Aux frontières sud de la Turquie, également, les forces rebelles syriennes se déplacent sans rencontrer d’obstacle et évacuent leurs blessés vers Antakya (Antioche) ou Gaziantep. Mais ce qui inquiète Ankara, c’est l’émergence du Parti de l’union démocratique (PYD), lié au Parti des travailleurs du Kurdistan (PKK) turc, dans une grande partie des localités kurdes du Nord syrien. Après la multiplication vertigineuse des attaques kurdes au cœur de la Turquie, les deux parties ont fini par signer, en janvier 2013, un cessez-le-feu qui n’a pas manqué de surprendre (1).

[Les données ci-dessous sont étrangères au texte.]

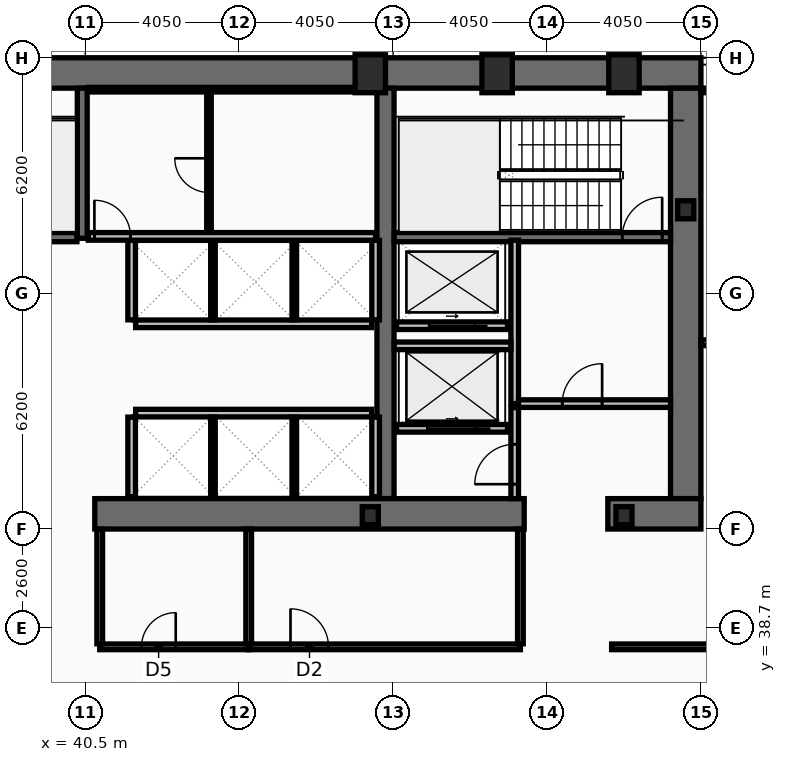
"""IFC4 building model, lengths in metres.
Left out: names, types, materials, properties, quantities, classifications, styles, units other than length and angle.
Written with IfcOpenShell. Run it as: python <this file> out.ifc"""

import sys

from ifc_helpers import new_model, si_unit, direction, frame, frame_2d, origin, origin_2d, place, context, subcontext, project, spatial, rectangle, hollow_rectangle, i_section, extrude, element, fill, save


model = new_model("IFC4")
c1 = context("Model", 3, precision=1e-05, world=origin(), true_north=direction((0.0, 1.0)))
c2 = subcontext(c1, "Body", "Model", "MODEL_VIEW")
j1 = project(units=[si_unit("LENGTHUNIT", "METRE"), si_unit("PLANEANGLEUNIT", "RADIAN")], contexts=[c1])
p1 = place(None, origin())
s1 = spatial("IfcSite", under=j1, at=p1, CompositionType="ELEMENT")
p2 = place(p1, origin())
s2 = spatial("IfcBuilding", under=s1, at=p2, CompositionType="ELEMENT")
p3 = place(p2, frame((0.0, 0.0, 73.8)))
s3 = spatial("IfcBuildingStorey", under=s2, at=p3, CompositionType="ELEMENT", Elevation=73.8)
p4 = place(p3, frame((16.2, 53.3, 0.0), z_axis=(0.0, 0.0, 1.0), x_axis=(1.0, 0.0, 0.0)))
e1 = element("IfcWall", 1, at=p4, inside=s3, PredefinedType="SHEAR", context=c2, shape_type="SweptSolid", body=[
    extrude(rectangle(XDim=40.5, YDim=0.8, at=frame_2d((20.25, 0.0))), origin(), (0.0, 0.0, 1.0), 3.82),
])
p5 = place(p3, frame((56.3, 52.9, 0.0), z_axis=(0.0, 0.0, 1.0), x_axis=(0.0, -1.0, 0.0)))
e2 = element("IfcWall", 2, at=p5, inside=s3, PredefinedType="SHEAR", context=c2, shape_type="SweptSolid", body=[
    extrude(rectangle(XDim=10.8, YDim=0.8, at=frame_2d((5.4, 0.0))), origin(), (0.0, 0.0, 1.0), 3.82),
])
p6 = place(p3, frame((48.4, 42.1, 0.0), z_axis=(0.0, 0.0, 1.0), x_axis=(0.0, 1.0, 0.0)))
e3 = element("IfcWall", 3, at=p6, inside=s3, PredefinedType="SHEAR", context=c2, shape_type="SweptSolid", body=[
    extrude(rectangle(XDim=10.8, YDim=0.45, at=frame_2d((5.4, 0.0))), origin(), (0.0, 0.0, 1.0), 3.82),
])
p7 = place(p3, frame((52.05, 41.7, 0.0), z_axis=(0.0, 0.0, 1.0), x_axis=(-1.0, 0.0, 0.0)))
e4 = element("IfcWall", 4, at=p7, inside=s3, PredefinedType="SHEAR", context=c2, shape_type="SweptSolid", body=[
    extrude(rectangle(XDim=11.3, YDim=0.8, at=frame_2d((5.65, 0.0))), origin(), (0.0, 0.0, 1.0), 3.82),
])
p8 = place(p3, frame((56.7, 41.7, 0.0), z_axis=(0.0, 0.0, 1.0), x_axis=(-1.0, 0.0, 0.0)))
e5 = element("IfcWall", 5, at=p8, inside=s3, PredefinedType="SHEAR", context=c2, shape_type="SweptSolid", body=[
    extrude(rectangle(XDim=2.45, YDim=0.8, at=frame_2d((1.225, 0.0))), origin(), (0.0, 0.0, 1.0), 3.82),
])
p9 = place(p3, frame((40.42, 48.95, 0.0), z_axis=(0.0, 0.0, 1.0), x_axis=(0.0, 1.0, 0.0)))
e6 = element("IfcWall", 6, at=p9, inside=s3, PredefinedType="SHEAR", context=c2, shape_type="SweptSolid", body=[
    extrude(rectangle(XDim=3.95, YDim=0.26, at=frame_2d((1.975, 0.0))), origin(), (0.0, 0.0, 1.0), 3.82),
])
p10 = place(p3, frame((48.63, 48.98, 0.0), z_axis=(0.0, 0.0, 1.0), x_axis=(1.0, 0.0, 0.0)))
e7 = element("IfcWall", 7, at=p10, inside=s3, PredefinedType="SHEAR", context=c2, shape_type="SweptSolid", body=[
    extrude(rectangle(XDim=7.27, YDim=0.24, at=frame_2d((3.635, 0.0))), origin(), (0.0, 0.0, 1.0), 3.82),
])
p11 = place(p10, frame((6.0, 0.0, 0.0)))
e8 = element("IfcOpeningElement", 8, at=p11, cuts=e7, PredefinedType="OPENING", context=c2, shape_type="SweptSolid", body=[
    extrude(rectangle(XDim=1.05, YDim=2.15, at=frame_2d((0.525, 1.075))), frame((0.0, 0.13, 0.0), z_axis=(0.0, -1.0, 0.0), x_axis=(1.0, 0.0, 0.0)), (0.0, 0.0, 1.0), 0.26),
])
p12 = place(p3, frame((32.72, 48.98, 0.0), z_axis=(0.0, 0.0, 1.0), x_axis=(1.0, 0.0, 0.0)))
e9 = element("IfcWall", 9, at=p12, inside=s3, PredefinedType="SHEAR", context=c2, shape_type="SweptSolid", body=[
    extrude(rectangle(XDim=7.56, YDim=0.24, at=frame_2d((3.78, 0.0))), origin(), (0.0, 0.0, 1.0), 3.82),
])
p13 = place(p12, frame((0.22, 0.0, 0.0)))
e10 = element("IfcOpeningElement", 10, at=p13, cuts=e9, PredefinedType="OPENING", context=c2, shape_type="SweptSolid", body=[
    extrude(rectangle(XDim=1.05, YDim=2.15, at=frame_2d((0.525, 1.075))), frame((0.0, 0.13, 0.0), z_axis=(0.0, -1.0, 0.0), x_axis=(1.0, 0.0, 0.0)), (0.0, 0.0, 1.0), 0.26),
])
for number, where, z_axis, x_axis in (
    (11, (48.0, 53.28, 0.0), (0.0, 0.0, 1.0), (1.0, 0.0, 0.0)),
    (12, (51.337, 53.28, 0.0), (0.0, 0.0, 1.0), (1.0, 0.0, 0.0)),
    (13, (54.675, 53.28, 0.0), (0.0, 0.0, 1.0), (1.0, 0.0, 0.0)),
):
    element("IfcColumn", number, at=place(p3, frame(where, z_axis=z_axis, x_axis=x_axis)), inside=s3, PredefinedType="COLUMN", context=c2, shape_type="SweptSolid", body=[
        extrude(hollow_rectangle(XDim=0.8, YDim=1.0, WallThickness=0.055, at=origin_2d()), origin(), (0.0, 0.0, 1.0), 4.0),
    ])
for number, where, z_axis, x_axis in (
    (14, (56.3, 49.7, 0.0), (0.0, 0.0, 1.0), (1.0, 0.0, 0.0)),
    (15, (48.0, 41.65, 0.0), (0.0, 0.0, 1.0), (1.0, 0.0, 0.0)),
    (16, (54.675, 41.65, 0.0), (0.0, 0.0, 1.0), (1.0, 0.0, 0.0)),
):
    element("IfcColumn", number, at=place(p3, frame(where, z_axis=z_axis, x_axis=x_axis)), inside=s3, PredefinedType="COLUMN", context=c2, shape_type="SweptSolid", body=[
        extrude(i_section(OverallWidth=0.424, OverallDepth=0.474, WebThickness=0.048, FlangeThickness=0.077, at=origin_2d()), origin(), (0.0, 0.0, 1.0), 4.0),
    ])
p14 = place(p3, frame((51.61, 43.95, 0.0), z_axis=(0.0, 0.0, 1.0), x_axis=(-1.0, 0.0, 0.0)))
e17 = element("IfcWall", 17, at=p14, inside=s3, PredefinedType="PARTITIONING", context=c2, shape_type="SweptSolid", body=[
    extrude(rectangle(XDim=2.92, YDim=0.2, at=frame_2d((1.46, 0.0))), origin(), (0.0, 0.0, 1.0), 3.82),
])
p15 = place(p14, frame((0.81, 0.0, 0.0)))
e18 = element("IfcOpeningElement", 18, at=p15, cuts=e17, PredefinedType="OPENING", context=c2, shape_type="SweptSolid", body=[
    extrude(rectangle(XDim=1.3, YDim=2.18, at=frame_2d((0.65, 1.09))), frame((0.0, 0.11, 0.0), z_axis=(0.0, -1.0, 0.0), x_axis=(1.0, 0.0, 0.0)), (0.0, 0.0, 1.0), 0.22),
])
p16 = place(p3, frame((51.61, 46.65, 0.0), z_axis=(0.0, 0.0, 1.0), x_axis=(-1.0, 0.0, 0.0)))
e19 = element("IfcWall", 19, at=p16, inside=s3, PredefinedType="PARTITIONING", context=c2, shape_type="SweptSolid", body=[
    extrude(rectangle(XDim=2.92, YDim=0.2, at=frame_2d((1.46, 0.0))), origin(), (0.0, 0.0, 1.0), 3.82),
])
p17 = place(p16, frame((0.86, 0.0, 0.0)))
e20 = element("IfcOpeningElement", 20, at=p17, cuts=e19, PredefinedType="OPENING", context=c2, shape_type="SweptSolid", body=[
    extrude(rectangle(XDim=1.2, YDim=2.18, at=frame_2d((0.6, 1.09))), frame((0.0, 0.11, 0.0), z_axis=(0.0, -1.0, 0.0), x_axis=(1.0, 0.0, 0.0)), (0.0, 0.0, 1.0), 0.22),
])
p18 = place(p3, frame((51.8, 44.6, 0.0), z_axis=(0.0, 0.0, 1.0), x_axis=(0.0, 1.0, 0.0)))
e21 = element("IfcWall", 21, at=p18, inside=s3, PredefinedType="PARTITIONING", context=c2, shape_type="SweptSolid", body=[
    extrude(rectangle(XDim=4.3, YDim=0.2, at=frame_2d((2.15, 0.0))), origin(), (0.0, 0.0, 1.0), 3.82),
])
p19 = place(p3, frame((51.9, 44.6, 0.0), z_axis=(0.0, 0.0, 1.0), x_axis=(1.0, 0.0, 0.0)))
e22 = element("IfcWall", 22, at=p19, inside=s3, PredefinedType="PARTITIONING", context=c2, shape_type="SweptSolid", body=[
    extrude(rectangle(XDim=4.0, YDim=0.2, at=frame_2d((2.0, 0.0))), origin(), (0.0, 0.0, 1.0), 3.82),
])
p20 = place(p19, frame((1.15, 0.0, 0.0)))
e23 = element("IfcOpeningElement", 23, at=p20, cuts=e22, PredefinedType="OPENING", context=c2, shape_type="SweptSolid", body=[
    extrude(rectangle(XDim=1.05, YDim=2.15, at=frame_2d((0.525, 1.075))), frame((0.0, 0.11, 0.0), z_axis=(0.0, -1.0, 0.0), x_axis=(1.0, 0.0, 0.0)), (0.0, 0.0, 1.0), 0.22),
])
p21 = place(p3, frame((48.63, 46.12, 0.0), z_axis=(0.0, 0.0, 1.0), x_axis=(1.0, 0.0, 0.0)))
e24 = element("IfcWall", 24, at=p21, inside=s3, PredefinedType="PARTITIONING", context=c2, shape_type="SweptSolid", body=[
    extrude(rectangle(XDim=3.07, YDim=0.2, at=frame_2d((1.535, 0.0))), origin(), (0.0, 0.0, 1.0), 3.82),
])
p22 = place(p3, frame((51.8, 42.1, 0.0), z_axis=(0.0, 0.0, 1.0), x_axis=(0.0, 1.0, 0.0)))
e25 = element("IfcWall", 25, at=p22, inside=s3, PredefinedType="PARTITIONING", context=c2, shape_type="SweptSolid", body=[
    extrude(rectangle(XDim=2.395, YDim=0.2, at=frame_2d((1.198, 0.0))), origin(), (0.0, 0.0, 1.0), 3.82),
])
p23 = place(p22, frame((0.38, 0.0, 0.0)))
e26 = element("IfcOpeningElement", 26, at=p23, cuts=e25, PredefinedType="OPENING", context=c2, shape_type="SweptSolid", body=[
    extrude(rectangle(XDim=1.05, YDim=2.15, at=frame_2d((0.525, 1.075))), frame((0.0, 0.11, 0.0), z_axis=(0.0, -1.0, 0.0), x_axis=(1.0, 0.0, 0.0)), (0.0, 0.0, 1.0), 0.22),
])
p24 = place(p3, frame((41.825, 46.7, 0.0), z_axis=(0.0, 0.0, 1.0), x_axis=(1.0, 0.0, 0.0)))
e27 = element("IfcWall", 27, at=p24, inside=s3, PredefinedType="PARTITIONING", context=c2, shape_type="SweptSolid", body=[
    extrude(rectangle(XDim=6.21, YDim=0.2, at=frame_2d((3.105, 0.0))), origin(), (0.0, 0.0, 1.0), 3.82),
])
for number, where, z_axis, x_axis in (
    (28, (41.72, 46.805, 0.0), (0.0, 0.0, 1.0), (0.0, 1.0, 0.0)),
    (29, (48.14, 46.805, 0.0), (0.0, 0.0, 1.0), (0.0, 1.0, 0.0)),
):
    element("IfcWall", number, at=place(p3, frame(where, z_axis=z_axis, x_axis=x_axis)), inside=s3, PredefinedType="PARTITIONING", context=c2, shape_type="SweptSolid", body=[
        extrude(rectangle(XDim=2.09, YDim=0.2, at=frame_2d((1.045, 0.0))), origin(), (0.0, 0.0, 1.0), 3.82),
    ])
for number, where, z_axis, x_axis in (
    (30, (43.86, 46.805, 0.0), (0.0, 0.0, 1.0), (0.0, 1.0, 0.0)),
    (31, (46.0, 46.805, 0.0), (0.0, 0.0, 1.0), (0.0, 1.0, 0.0)),
):
    element("IfcWall", number, at=place(p3, frame(where, z_axis=z_axis, x_axis=x_axis)), inside=s3, PredefinedType="PARTITIONING", context=c2, shape_type="SweptSolid", body=[
        extrude(rectangle(XDim=2.09, YDim=0.12, at=frame_2d((1.045, 0.0))), origin(), (0.0, 0.0, 1.0), 3.82),
    ])
p25 = place(p3, frame((41.825, 44.35, 0.0), z_axis=(0.0, 0.0, 1.0), x_axis=(1.0, 0.0, 0.0)))
e32 = element("IfcWall", 32, at=p25, inside=s3, PredefinedType="PARTITIONING", context=c2, shape_type="SweptSolid", body=[
    extrude(rectangle(XDim=6.21, YDim=0.2, at=frame_2d((3.105, 0.0))), origin(), (0.0, 0.0, 1.0), 3.82),
])
for number, where, z_axis, x_axis in (
    (33, (41.72, 42.15, 0.0), (0.0, 0.0, 1.0), (0.0, 1.0, 0.0)),
    (34, (48.14, 42.15, 0.0), (0.0, 0.0, 1.0), (0.0, 1.0, 0.0)),
):
    element("IfcWall", number, at=place(p3, frame(where, z_axis=z_axis, x_axis=x_axis)), inside=s3, PredefinedType="PARTITIONING", context=c2, shape_type="SweptSolid", body=[
        extrude(rectangle(XDim=2.095, YDim=0.2, at=frame_2d((1.048, 0.0))), origin(), (0.0, 0.0, 1.0), 3.82),
    ])
for number, where, z_axis, x_axis in (
    (35, (43.86, 42.15, 0.0), (0.0, 0.0, 1.0), (0.0, 1.0, 0.0)),
    (36, (46.0, 42.15, 0.0), (0.0, 0.0, 1.0), (0.0, 1.0, 0.0)),
):
    element("IfcWall", number, at=place(p3, frame(where, z_axis=z_axis, x_axis=x_axis)), inside=s3, PredefinedType="PARTITIONING", context=c2, shape_type="SweptSolid", body=[
        extrude(rectangle(XDim=2.095, YDim=0.12, at=frame_2d((1.048, 0.0))), origin(), (0.0, 0.0, 1.0), 3.82),
    ])
p26 = place(p3, frame((40.58, 52.86, 0.0), z_axis=(0.0, 0.0, 1.0), x_axis=(1.0, 0.0, 0.0)))
e37 = element("IfcWall", 37, at=p26, inside=s3, PredefinedType="PARTITIONING", context=c2, shape_type="SweptSolid", body=[
    extrude(rectangle(XDim=7.56, YDim=0.12, at=frame_2d((3.78, 0.0))), origin(), (0.0, 0.0, 1.0), 3.82),
])
p27 = place(p3, frame((40.58, 49.0, 0.0), z_axis=(0.0, 0.0, 1.0), x_axis=(1.0, 0.0, 0.0)))
e38 = element("IfcWall", 38, at=p27, inside=s3, PredefinedType="PARTITIONING", context=c2, shape_type="SweptSolid", body=[
    extrude(rectangle(XDim=7.56, YDim=0.2, at=frame_2d((3.78, 0.0))), origin(), (0.0, 0.0, 1.0), 3.82),
])
p28 = place(p27, frame((0.16, 0.0, 0.0)))
e39 = element("IfcOpeningElement", 39, at=p28, cuts=e38, PredefinedType="OPENING", context=c2, shape_type="SweptSolid", body=[
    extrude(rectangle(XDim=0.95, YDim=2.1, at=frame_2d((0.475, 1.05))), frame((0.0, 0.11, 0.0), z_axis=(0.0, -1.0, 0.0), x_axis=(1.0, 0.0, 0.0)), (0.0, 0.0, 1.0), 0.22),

Rien n’indique sur les planisphères cette montée en puissance des Kurdes, ni l’instauration dans le nord de l’Irak d’un Etat de facto, le gouvernement régional du Kurdistan, qui, depuis mai 2014, pompe du pétrole sans le consentement des autorités centrales irakiennes (2), et qui, depuis la conquête de Kirkouk par les peshmergas — les combattants kurdes — en juin, dispose de ressources fabuleuses d’or noir (lire « Dans Kirkouk, la Jérusalem kurde »).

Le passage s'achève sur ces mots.